Destroyed buildings in Avdiivka, Ukraine, on February 15. 

Ukrainian drone spots Russian soldiers hiding amid the remains of what was once someone’s home, in the middle of a lunar-like landscape of charred ground, craters and sapless trunks.

Another drone carrying a small warhead moves in and detonates on impact. A second one follows. Then a third. Finally, the Russian unit is eliminated.

“We are smoking the occupiers,” says the drones’ controller, a Ukrainian unit fighting to keep the key town of Avdiivka out of Moscow’s hands, which shared video footage of the attacks with CNN.

For the drone operators, it is a victory, but such wins are becoming rare in this part of Ukraine, as Moscow throws everything it has at the small, battered and now largely deserted town.

In an apparent nod to the importance of Avdiivka, which lies to the northwest of Donetsk city, Ukraine’s new army chief Oleksandr Syrskyi and Ukraine’s Defense Minister Rustem Umerov this week visited soldiers on the front lines there.

“The operational situation is extremely complicated and tense,” Syrskyi acknowledged. “We are doing everything possible to prevent the enemy from advancing deeper into our territory and to hold our positions.”

Quelling rumors that Ukraine was considering a withdrawal from Avdiivka, Syrskyi has instead sent in reinforcements.

He’s deployed one of Ukraine’s most battle-hardened units – the 3rd Separate Assault Brigade – which earned praise for its daring attacks on Russian forces around Bakhmut.

“We made a number of important decisions aimed at strengthening the combat capabilities of our military units and preventing enemy actions,” Syrskyi explained during his visit to the front line.

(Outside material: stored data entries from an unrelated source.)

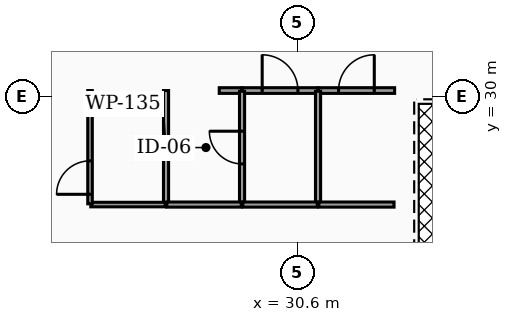
"""IFC4 building model, lengths in metres.
Left out: names, types, materials, properties, quantities, classifications, styles, units other than length and angle.
Written with IfcOpenShell. Run it as: python <this file> out.ifc"""

import sys

from ifc_helpers import new_model, si_unit, direction, frame, frame_2d, origin, place, context, subcontext, project, spatial, rectangle, extrude, element, fill, save


model = new_model("IFC4")
c1 = context("Model", 3, precision=1e-05, world=origin(), true_north=direction((0.0, 1.0)))
c2 = subcontext(c1, "Body", "Model", "MODEL_VIEW")
j1 = project(units=[si_unit("LENGTHUNIT", "METRE"), si_unit("PLANEANGLEUNIT", "RADIAN")], contexts=[c1])
p1 = place(None, origin())
s1 = spatial("IfcSite", under=j1, at=p1, CompositionType="ELEMENT")
p2 = place(p1, origin())
s2 = spatial("IfcBuilding", under=s1, at=p2, CompositionType="ELEMENT")
p3 = place(p2, frame((0.0, 0.0, 127.16)))
s3 = spatial("IfcBuildingStorey", under=s2, at=p3, CompositionType="ELEMENT", Elevation=127.16)
p4 = place(p3, frame((28.55, 30.15, 0.0), z_axis=(0.0, 0.0, 1.0), x_axis=(1.0, 0.0, 0.0)))
e1 = element("IfcWall", 1, at=p4, inside=s3, PredefinedType="PARTITIONING", context=c2, shape_type="SweptSolid", body=[
    extrude(rectangle(XDim=0.595, YDim=0.15, at=frame_2d((0.297, 0.0))), origin(), (0.0, 0.0, 1.0), 2.457),
])
p5 = place(p3, frame((29.155, 30.15, 0.0), z_axis=(0.0, 0.0, 1.0), x_axis=(1.0, 0.0, 0.0)))
e2 = element("IfcWall", 2, at=p5, inside=s3, PredefinedType="PARTITIONING", context=c2, shape_type="SweptSolid", body=[
    extrude(rectangle(XDim=1.99, YDim=0.15, at=frame_2d((0.995, 0.0))), origin(), (0.0, 0.0, 1.0), 2.457),
])
p6 = place(p5, frame((0.525, 0.0, 0.0)))
e3 = element("IfcOpeningElement", 3, at=p6, cuts=e2, PredefinedType="OPENING", context=c2, shape_type="SweptSolid", body=[
    extrude(rectangle(XDim=0.94, YDim=2.05, at=frame_2d((0.47, 1.025))), frame((0.0, 0.085, 0.0), z_axis=(0.0, -1.0, 0.0), x_axis=(1.0, 0.0, 0.0)), (0.0, 0.0, 1.0), 0.17),
])
p7 = place(p3, frame((31.155, 30.15, 0.0), z_axis=(0.0, 0.0, 1.0), x_axis=(1.0, 0.0, 0.0)))
e4 = element("IfcWall", 4, at=p7, inside=s3, PredefinedType="PARTITIONING", context=c2, shape_type="SweptSolid", body=[
    extrude(rectangle(XDim=2.01, YDim=0.15, at=frame_2d((1.005, 0.0))), origin(), (0.0, 0.0, 1.0), 2.457),
])
p8 = place(p7, frame((0.535, 0.0, 0.0)))
e5 = element("IfcOpeningElement", 5, at=p8, cuts=e4, PredefinedType="OPENING", context=c2, shape_type="SweptSolid", body=[
    extrude(rectangle(XDim=0.94, YDim=2.05, at=frame_2d((0.47, 1.025))), frame((0.0, 0.085, 0.0), z_axis=(0.0, -1.0, 0.0), x_axis=(1.0, 0.0, 0.0)), (0.0, 0.0, 1.0), 0.17),
])
p9 = place(p3, frame((27.15, 27.17, 0.0), z_axis=(0.0, 0.0, 1.0), x_axis=(0.0, 1.0, 0.0)))
e6 = element("IfcWall", 6, at=p9, inside=s3, PredefinedType="PARTITIONING", context=c2, shape_type="SweptSolid", body=[
    extrude(rectangle(XDim=2.98, YDim=0.135, at=frame_2d((1.49, 0.0))), origin(), (0.0, 0.0, 1.0), 2.457),
])
p10 = place(p3, frame((25.17, 27.15, 0.0), z_axis=(0.0, 0.0, 1.0), x_axis=(1.0, 0.0, 0.0)))
e7 = element("IfcWall", 7, at=p10, inside=s3, PredefinedType="PARTITIONING", context=c2, shape_type="SweptSolid", body=[
    extrude(rectangle(XDim=1.96, YDim=0.12, at=frame_2d((0.98, 0.0))), origin(), (0.0, 0.0, 1.0), 2.457),
])
p11 = place(p3, frame((25.15, 27.17, 0.0), z_axis=(0.0, 0.0, 1.0), x_axis=(0.0, 1.0, 0.0)))
e8 = element("IfcWall", 8, at=p11, inside=s3, PredefinedType="PARTITIONING", context=c2, shape_type="SweptSolid", body=[
    extrude(rectangle(XDim=2.98, YDim=0.12, at=frame_2d((1.49, 0.0))), origin(), (0.0, 0.0, 1.0), 2.457),
])
p12 = place(p11, frame((0.25, 0.0, 0.0)))
e9 = element("IfcOpeningElement", 9, at=p12, cuts=e8, PredefinedType="OPENING", context=c2, shape_type="SweptSolid", body=[
    extrude(rectangle(XDim=0.88, YDim=2.05, at=frame_2d((0.44, 1.025))), frame((0.0, 0.07, 0.0), z_axis=(0.0, -1.0, 0.0), x_axis=(1.0, 0.0, 0.0)), (0.0, 0.0, 1.0), 0.14),
])
p13 = place(p3, frame((29.15, 27.17, 0.0), z_axis=(0.0, 0.0, 1.0), x_axis=(0.0, 1.0, 0.0)))
e10 = element("IfcWall", 10, at=p13, inside=s3, PredefinedType="PARTITIONING", context=c2, shape_type="SweptSolid", body=[
    extrude(rectangle(XDim=2.96, YDim=0.135, at=frame_2d((1.48, 0.0))), origin(), (0.0, 0.0, 1.0), 2.457),
])
p14 = place(p13, frame((1.05, 0.0, 0.0)))
e11 = element("IfcOpeningElement", 11, at=p14, cuts=e10, PredefinedType="OPENING", context=c2, shape_type="SweptSolid", body=[
    extrude(rectangle(XDim=0.86, YDim=2.05, at=frame_2d((0.43, 1.025))), frame((0.0, 0.077, 0.0), z_axis=(0.0, -1.0, 0.0), x_axis=(1.0, 0.0, 0.0)), (0.0, 0.0, 1.0), 0.155),
])
p15 = place(p3, frame((27.17, 27.15, 0.0), z_axis=(0.0, 0.0, 1.0), x_axis=(1.0, 0.0, 0.0)))
e12 = element("IfcWall", 12, at=p15, inside=s3, PredefinedType="PARTITIONING", context=c2, shape_type="SweptSolid", body=[
    extrude(rectangle(XDim=1.96, YDim=0.135, at=frame_2d((0.98, 0.0))), origin(), (0.0, 0.0, 1.0), 2.457),
])
p16 = place(p3, frame((31.15, 27.17, 0.0), z_axis=(0.0, 0.0, 1.0), x_axis=(0.0, 1.0, 0.0)))
e13 = element("IfcWall", 13, at=p16, inside=s3, PredefinedType="PARTITIONING", context=c2, shape_type="SweptSolid", body=[
    extrude(rectangle(XDim=2.96, YDim=0.135, at=frame_2d((1.48, 0.0))), origin(), (0.0, 0.0, 1.0), 2.457),
])
p17 = place(p3, frame((29.17, 27.15, 0.0), z_axis=(0.0, 0.0, 1.0), x_axis=(1.0, 0.0, 0.0)))
e14 = element("IfcWall", 14, at=p17, inside=s3, PredefinedType="PARTITIONING", context=c2, shape_type="SweptSolid", body=[
    extrude(rectangle(XDim=1.96, YDim=0.135, at=frame_2d((0.98, 0.0))), origin(), (0.0, 0.0, 1.0), 2.457),
])
p18 = place(p3, frame((31.17, 27.15, 0.0), z_axis=(0.0, 0.0, 1.0), x_axis=(1.0, 0.0, 0.0)))
e15 = element("IfcWall", 15, at=p18, inside=s3, PredefinedType="PARTITIONING", context=c2, shape_type="SweptSolid", body=[
    extrude(rectangle(XDim=1.98, YDim=0.135, at=frame_2d((0.99, 0.0))), origin(), (0.0, 0.0, 1.0), 2.457),
])
p19 = place(p6, origin())
e16 = element("IfcDoor", 16, at=p19, inside=s3, OperationType="SINGLE_SWING_LEFT", PredefinedType="DOOR", context=c2, shape_type="SweptSolid", body=[
    extrude(rectangle(XDim=0.94, YDim=2.05, at=frame_2d((0.47, 1.025))), frame((0.0, 0.025, 0.0), z_axis=(0.0, -1.0, 0.0), x_axis=(1.0, 0.0, 0.0)), (0.0, 0.0, 1.0), 0.05),
])
fill(e3, e16)
p20 = place(p8, origin())
e17 = element("IfcDoor", 17, at=p20, inside=s3, OperationType="SINGLE_SWING_RIGHT", PredefinedType="DOOR", context=c2, shape_type="SweptSolid", body=[
    extrude(rectangle(XDim=0.94, YDim=2.05, at=frame_2d((0.47, 1.025))), frame((0.0, 0.025, 0.0), z_axis=(0.0, -1.0, 0.0), x_axis=(1.0, 0.0, 0.0)), (0.0, 0.0, 1.0), 0.05),
])
fill(e5, e17)
p21 = place(p12, origin())
e18 = element("IfcDoor", 18, at=p21, inside=s3, OperationType="SINGLE_SWING_LEFT", PredefinedType="DOOR", context=c2, shape_type="SweptSolid", body=[
    extrude(rectangle(XDim=0.88, YDim=2.05, at=frame_2d((0.44, 1.025))), frame((0.0, 0.025, 0.0), z_axis=(0.0, -1.0, 0.0), x_axis=(1.0, 0.0, 0.0)), (0.0, 0.0, 1.0), 0.05),
])
fill(e9, e18)
p22 = place(p14, origin())
e19 = element("IfcDoor", 19, at=p22, inside=s3, OperationType="SINGLE_SWING_RIGHT", PredefinedType="DOOR", context=c2, shape_type="SweptSolid", body=[
    extrude(rectangle(XDim=0.86, YDim=2.05, at=frame_2d((0.43, 1.025))), frame((0.0, 0.025, 0.0), z_axis=(0.0, -1.0, 0.0), x_axis=(1.0, 0.0, 0.0)), (0.0, 0.0, 1.0), 0.05),
])
fill(e11, e19)
save(model, sys.argv[1])

On Tuesday, Ukrainian President Volodymyr Zelensky promised “maximum attention” for the eastern front and said the new army chief’s visit to the area would help address the issues facing units on the ground.

“The existing problems are being solved – manning the units, reinforcement, command and control,” Zelensky said in his nightly address. “We will be reinforced with drones, electronic warfare, and command positions will also be strengthened.”

But just a couple of days later, amid the ongoing Russian onslaught, even the reinforcements were describing “hellish” conditions.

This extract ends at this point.